Emeritus Professor of Anthropology and Human Ecology, Roy Ellen, has been honoured as the Distinguished Economic Botanist for 2017 by The Society for Economic Botany (SEB).
The SEB said the award recognises Professor Ellen’s “major contributions to economic and ethnobotany” over the last 35 years, based on his “meticulous and intensive field research that has greatly enriched the fields of economic botany, ethnobiology, and environmental anthropology”.
This work has covered numerous environmental, cognitive anthropology and ethnobiology topics, ranging from folk classification and the local management of inter-island trading systems, and the ethnography of eastern Indonesia.

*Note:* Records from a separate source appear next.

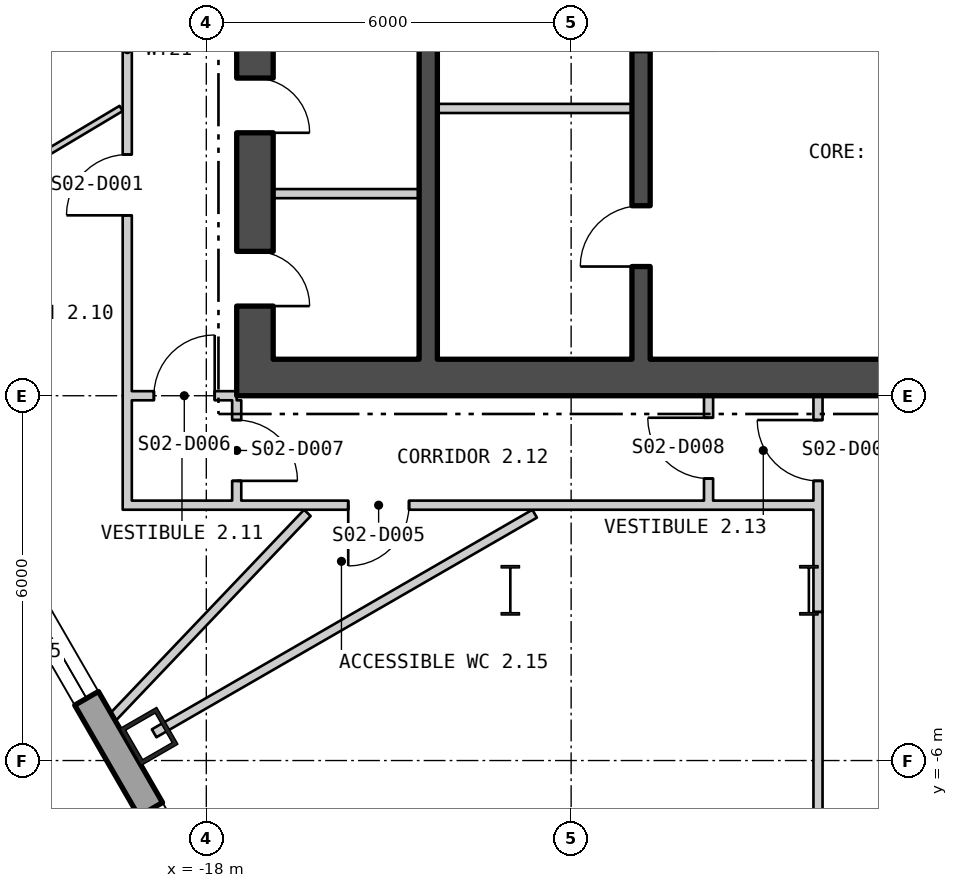
"""IFC4 building model, lengths in metres.
Left out: names, types, materials, properties, quantities, classifications, styles, units other than length and angle.
Written with IfcOpenShell. Run it as: python <this file> out.ifc"""

import sys

from ifc_helpers import new_model, si_unit, direction, frame, frame_2d, origin, origin_2d, place, context, subcontext, project, spatial, polyline, rectangle, hollow_rectangle, i_section, outline, extrude, element, fill, save


model = new_model("IFC4")
c1 = context("Model", 3, precision=1e-05, world=origin(), true_north=direction((0.0, 1.0)))
c2 = subcontext(c1, "Body", "Model", "MODEL_VIEW")
j1 = project(units=[si_unit("LENGTHUNIT", "METRE"), si_unit("PLANEANGLEUNIT", "RADIAN")], contexts=[c1])
p1 = place(None, origin())
s1 = spatial("IfcSite", under=j1, at=p1, CompositionType="ELEMENT")
p2 = place(p1, origin())
s2 = spatial("IfcBuilding", under=s1, at=p2, CompositionType="ELEMENT")
p3 = place(p2, frame((0.0, 0.0, 33.3)))
s3 = spatial("IfcBuildingStorey", under=s2, at=p3, CompositionType="ELEMENT", Elevation=33.3)
p4 = place(p3, frame((-18.944, -5.603, 0.0), z_axis=(0.0, 0.0, 1.0), x_axis=(0.5, -0.866025403784, 0.0)))
e1 = element("IfcColumn", 1, at=p4, inside=s3, PredefinedType="COLUMN", context=c2, shape_type="SweptSolid", body=[
    extrude(hollow_rectangle(XDim=0.7, YDim=0.7, WallThickness=0.07, at=origin_2d()), origin(), (0.0, 0.0, 1.0), 4.5),
])
for number, where, z_axis, x_axis in (
    (2, (-8.09, -3.2, 0.0), (0.0, 0.0, 1.0), (1.0, 0.0, 0.0)),
    (3, (-13.0, -3.2, 0.0), (0.0, 0.0, 1.0), (1.0, 0.0, 0.0)),
):
    element("IfcColumn", number, at=place(p3, frame(where, z_axis=z_axis, x_axis=x_axis)), inside=s3, PredefinedType="COLUMN", context=c2, shape_type="SweptSolid", body=[
        extrude(i_section(OverallWidth=0.303, OverallDepth=0.814, WebThickness=0.021, FlangeThickness=0.04, at=origin_2d()), origin(), (0.0, 0.0, 1.0), 4.5),
    ])
p5 = place(p3, frame((-28.625, 10.015, -0.18), z_axis=(0.0, 0.0, 1.0), x_axis=(0.500000335318, -0.866025210188, 0.0)))
e4 = element("IfcWall", 4, at=p5, inside=s3, PredefinedType="SOLIDWALL", context=c2, shape_type="SweptSolid", body=[
    extrude(outline(polyline([(-0.13, -0.225), (45.88, -0.225), (45.62, 0.225), (0.13, 0.225), (-0.13, -0.225)])), origin(), (0.0, 0.0, 1.0), 4.28),
])
p6 = place(p5, frame((1.425, 0.0, 1.08)))
e5 = element("IfcOpeningElement", 5, at=p6, cuts=e4, PredefinedType="OPENING", context=c2, shape_type="SweptSolid", body=[
    extrude(rectangle(XDim=2.4, YDim=2.6, at=frame_2d((1.2, 1.3))), frame((0.0, 0.235, 0.0), z_axis=(0.0, -1.0, 0.0), x_axis=(1.0, 0.0, 0.0)), (0.0, 0.0, 1.0), 0.47),
])
p7 = place(p5, frame((5.895, 0.0, 1.08)))
e6 = element("IfcOpeningElement", 6, at=p7, cuts=e4, PredefinedType="OPENING", context=c2, shape_type="SweptSolid", body=[
    extrude(rectangle(XDim=2.4, YDim=2.6, at=frame_2d((1.2, 1.3))), frame((0.0, 0.235, 0.0), z_axis=(0.0, -1.0, 0.0), x_axis=(1.0, 0.0, 0.0)), (0.0, 0.0, 1.0), 0.47),
])
p8 = place(p5, frame((10.403, 0.0, 1.08)))
e7 = element("IfcOpeningElement", 7, at=p8, cuts=e4, PredefinedType="OPENING", context=c2, shape_type="SweptSolid", body=[
    extrude(rectangle(XDim=2.4, YDim=2.6, at=frame_2d((1.2, 1.3))), frame((0.0, 0.235, 0.0), z_axis=(0.0, -1.0, 0.0), x_axis=(1.0, 0.0, 0.0)), (0.0, 0.0, 1.0), 0.47),
])
p9 = place(p5, frame((14.912, 0.0, 1.08)))
e8 = element("IfcOpeningElement", 8, at=p9, cuts=e4, PredefinedType="OPENING", context=c2, shape_type="SweptSolid", body=[
    extrude(rectangle(XDim=2.4, YDim=2.6, at=frame_2d((1.2, 1.3))), frame((0.0, 0.235, 0.0), z_axis=(0.0, -1.0, 0.0), x_axis=(1.0, 0.0, 0.0)), (0.0, 0.0, 1.0), 0.47),
])
p10 = place(p5, frame((19.421, 0.0, 1.08)))
e9 = element("IfcOpeningElement", 9, at=p10, cuts=e4, PredefinedType="OPENING", context=c2, shape_type="SweptSolid", body=[
    extrude(rectangle(XDim=2.4, YDim=2.6, at=frame_2d((1.2, 1.3))), frame((0.0, 0.235, 0.0), z_axis=(0.0, -1.0, 0.0), x_axis=(1.0, 0.0, 0.0)), (0.0, 0.0, 1.0), 0.47),
])
p11 = place(p5, frame((23.929, 0.0, 1.08)))
e10 = element("IfcOpeningElement", 10, at=p11, cuts=e4, PredefinedType="OPENING", context=c2, shape_type="SweptSolid", body=[
    extrude(rectangle(XDim=2.4, YDim=2.6, at=frame_2d((1.2, 1.3))), frame((0.0, 0.235, 0.0), z_axis=(0.0, -1.0, 0.0), x_axis=(1.0, 0.0, 0.0)), (0.0, 0.0, 1.0), 0.47),
])
p12 = place(p5, frame((28.438, 0.0, 1.08)))
e11 = element("IfcOpeningElement", 11, at=p12, cuts=e4, PredefinedType="OPENING", context=c2, shape_type="SweptSolid", body=[
    extrude(rectangle(XDim=2.4, YDim=2.6, at=frame_2d((1.2, 1.3))), frame((0.0, 0.235, 0.0), z_axis=(0.0, -1.0, 0.0), x_axis=(1.0, 0.0, 0.0)), (0.0, 0.0, 1.0), 0.47),
])
p13 = place(p5, frame((32.947, 0.0, 1.08)))
e12 = element("IfcOpeningElement", 12, at=p13, cuts=e4, PredefinedType="OPENING", context=c2, shape_type="SweptSolid", body=[
    extrude(rectangle(XDim=2.4, YDim=2.6, at=frame_2d((1.2, 1.3))), frame((0.0, 0.235, 0.0), z_axis=(0.0, -1.0, 0.0), x_axis=(1.0, 0.0, 0.0)), (0.0, 0.0, 1.0), 0.47),
])
p14 = place(p5, frame((37.455, 0.0, 1.08)))
e13 = element("IfcOpeningElement", 13, at=p14, cuts=e4, PredefinedType="OPENING", context=c2, shape_type="SweptSolid", body=[
    extrude(rectangle(XDim=2.4, YDim=2.6, at=frame_2d((1.2, 1.3))), frame((0.0, 0.235, 0.0), z_axis=(0.0, -1.0, 0.0), x_axis=(1.0, 0.0, 0.0)), (0.0, 0.0, 1.0), 0.47),
])
p15 = place(p5, frame((41.925, 0.0, 1.08)))
e14 = element("IfcOpeningElement", 14, at=p15, cuts=e4, PredefinedType="OPENING", context=c2, shape_type="SweptSolid", body=[
    extrude(rectangle(XDim=2.4, YDim=2.6, at=frame_2d((1.2, 1.3))), frame((0.0, 0.235, 0.0), z_axis=(0.0, -1.0, 0.0), x_axis=(1.0, 0.0, 0.0)), (0.0, 0.0, 1.0), 0.47),
])
p16 = place(p3, frame((-17.5, 0.3, 0.0), z_axis=(0.0, 0.0, 1.0), x_axis=(1.0, 0.0, 0.0)))
e15 = element("IfcWall", 15, at=p16, inside=s3, PredefinedType="SHEAR", context=c2, shape_type="SweptSolid", body=[
    extrude(rectangle(XDim=35.0, YDim=0.6, at=frame_2d((17.5, 0.0))), origin(), (0.0, 0.0, 1.0), 4.3),
])
p17 = place(p16, frame((12.0, 0.0, 0.0)))
e16 = element("IfcOpeningElement", 16, at=p17, cuts=e15, PredefinedType="OPENING", context=c2, shape_type="SweptSolid", body=[
    extrude(rectangle(XDim=1.8, YDim=2.4, at=frame_2d((0.9, 1.2))), frame((0.0, 0.31, 0.0), z_axis=(0.0, -1.0, 0.0), x_axis=(1.0, 0.0, 0.0)), (0.0, 0.0, 1.0), 0.62),
])
p18 = place(p16, frame((22.0, 0.0, 0.0)))
e17 = element("IfcOpeningElement", 17, at=p18, cuts=e15, PredefinedType="OPENING", context=c2, shape_type="SweptSolid", body=[
    extrude(rectangle(XDim=1.8, YDim=2.4, at=frame_2d((0.9, 1.2))), frame((0.0, 0.31, 0.0), z_axis=(0.0, -1.0, 0.0), x_axis=(1.0, 0.0, 0.0)), (0.0, 0.0, 1.0), 0.62),
])
p19 = place(p3, frame((-17.2, 0.6, 0.0), z_axis=(0.0, 0.0, 1.0), x_axis=(0.0, 1.0, 0.0)))
e18 = element("IfcWall", 18, at=p19, inside=s3, PredefinedType="SHEAR", context=c2, shape_type="SweptSolid", body=[
    extrude(rectangle(XDim=16.8, YDim=0.6, at=frame_2d((8.4, 0.0))), origin(), (0.0, 0.0, 1.0), 4.3),
])
p20 = place(p19, frame((5.7, 0.0, 0.0)))
e19 = element("IfcOpeningElement", 19, at=p20, cuts=e18, PredefinedType="OPENING", context=c2, shape_type="SweptSolid", body=[
    extrude(rectangle(XDim=1.5, YDim=2.1, at=frame_2d((0.75, 1.05))), frame((0.0, 0.31, 0.0), z_axis=(0.0, -1.0, 0.0), x_axis=(1.0, 0.0, 0.0)), (0.0, 0.0, 1.0), 0.62),
])
p21 = place(p19, frame((0.875, 0.0, 0.0)))
e20 = element("IfcOpeningElement", 20, at=p21, cuts=e18, PredefinedType="OPENING", context=c2, shape_type="SweptSolid", body=[
    extrude(rectangle(XDim=0.9, YDim=2.1, at=frame_2d((0.45, 1.05))), frame((0.0, 0.31, 0.0), z_axis=(0.0, -1.0, 0.0), x_axis=(1.0, 0.0, 0.0)), (0.0, 0.0, 1.0), 0.62),
])
p22 = place(p19, frame((3.724, 0.0, 0.0)))
e21 = element("IfcOpeningElement", 21, at=p22, cuts=e18, PredefinedType="OPENING", context=c2, shape_type="SweptSolid", body=[
    extrude(rectangle(XDim=0.9, YDim=2.1, at=frame_2d((0.45, 1.05))), frame((0.0, 0.31, 0.0), z_axis=(0.0, -1.0, 0.0), x_axis=(1.0, 0.0, 0.0)), (0.0, 0.0, 1.0), 0.62),
])
p23 = place(p19, frame((8.115, 0.0, 0.0)))
e22 = element("IfcOpeningElement", 22, at=p23, cuts=e18, PredefinedType="OPENING", context=c2, shape_type="SweptSolid", body=[
    extrude(rectangle(XDim=1.0, YDim=2.1, at=frame_2d((0.5, 1.05))), frame((0.0, 0.31, 0.0), z_axis=(0.0, -1.0, 0.0), x_axis=(1.0, 0.0, 0.0)), (0.0, 0.0, 1.0), 0.62),
])
p24 = place(p19, frame((11.528, 0.0, 0.0)))
e23 = element("IfcOpeningElement", 23, at=p24, cuts=e18, PredefinedType="OPENING", context=c2, shape_type="SweptSolid", body=[
    extrude(rectangle(XDim=0.9, YDim=2.1, at=frame_2d((0.45, 1.05))), frame((0.0, 0.31, 0.0), z_axis=(0.0, -1.0, 0.0), x_axis=(1.0, 0.0, 0.0)), (0.0, 0.0, 1.0), 0.62),
])
p25 = place(p19, frame((14.987, 0.0, 0.0)))
e24 = element("IfcOpeningElement", 24, at=p25, cuts=e18, PredefinedType="OPENING", context=c2, shape_type="SweptSolid", body=[
    extrude(rectangle(XDim=0.9, YDim=2.1, at=frame_2d((0.45, 1.05))), frame((0.0, 0.31, 0.0), z_axis=(0.0, -1.0, 0.0), x_axis=(1.0, 0.0, 0.0)), (0.0, 0.0, 1.0), 0.62),
])
p26 = place(p3, frame((-10.85, 0.6, 0.0), z_axis=(0.0, 0.0, 1.0), x_axis=(0.0, 1.0, 0.0)))
e25 = element("IfcWall", 25, at=p26, inside=s3, PredefinedType="SHEAR", context=c2, shape_type="SweptSolid", body=[
    extrude(rectangle(XDim=16.8, YDim=0.3, at=frame_2d((8.4, 0.0))), origin(), (0.0, 0.0, 1.0), 4.3),
])
p27 = place(p26, frame((5.075, 0.0, 0.0)))
e26 = element("IfcOpeningElement", 26, at=p27, cuts=e25, PredefinedType="OPENING", context=c2, shape_type="SweptSolid", body=[
    extrude(rectangle(XDim=1.25, YDim=2.1, at=frame_2d((0.625, 1.05))), frame((0.0, 0.16, 0.0), z_axis=(0.0, -1.0, 0.0), x_axis=(1.0, 0.0, 0.0)), (0.0, 0.0, 1.0), 0.32),
])
p28 = place(p26, frame((1.525, 0.0, 0.0)))
e27 = element("IfcOpeningElement", 27, at=p28, cuts=e25, PredefinedType="OPENING", context=c2, shape_type="SweptSolid", body=[
    extrude(rectangle(XDim=1.0, YDim=2.1, at=frame_2d((0.5, 1.05))), frame((0.0, 0.16, 0.0), z_axis=(0.0, -1.0, 0.0), x_axis=(1.0, 0.0, 0.0)), (0.0, 0.0, 1.0), 0.32),
])
p29 = place(p3, frame((-14.35, 0.6, 0.0), z_axis=(0.0, 0.0, 1.0), x_axis=(0.0, 1.0, 0.0)))
e28 = element("IfcWall", 28, at=p29, inside=s3, PredefinedType="SHEAR", context=c2, shape_type="SweptSolid", body=[
    extrude(rectangle(XDim=16.8, YDim=0.3, at=frame_2d((8.4, 0.0))), origin(), (0.0, 0.0, 1.0), 4.3),
])
p30 = place(p29, frame((5.7, 0.0, 0.0)))
e29 = element("IfcOpeningElement", 29, at=p30, cuts=e28, PredefinedType="OPENING", context=c2, shape_type="SweptSolid", body=[
    extrude(rectangle(XDim=1.5, YDim=2.1, at=frame_2d((0.75, 1.05))), frame((0.0, 0.16, 0.0), z_axis=(0.0, -1.0, 0.0), x_axis=(1.0, 0.0, 0.0)), (0.0, 0.0, 1.0), 0.32),
])
p31 = place(p3, frame((-14.2, 4.725, 0.0), z_axis=(0.0, 0.0, 1.0), x_axis=(1.0, 0.0, 0.0)))
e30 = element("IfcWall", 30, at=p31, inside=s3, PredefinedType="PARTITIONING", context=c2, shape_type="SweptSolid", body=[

Professor Ellen will receive his award in Bragança, Portugal on 8 June during the 58th meeting of The Society for Economic Botany. Previous winners of the Distinguished Economic Botanist award include Sir Ghillean Prance FRS, Richard Schultes, Nancy Turner, Harold Conklin and Brent Berlin.
Professor Ellen is also a Fellow of the British Academy and was President of the Royal Anthropological Institute between 2007 and 2011.
The award is the second recent high-profile success for the School in 2017 after Professor Richard Griffiths was awarded the Zoological Society of London’s Marsh Award for Conservation Biology.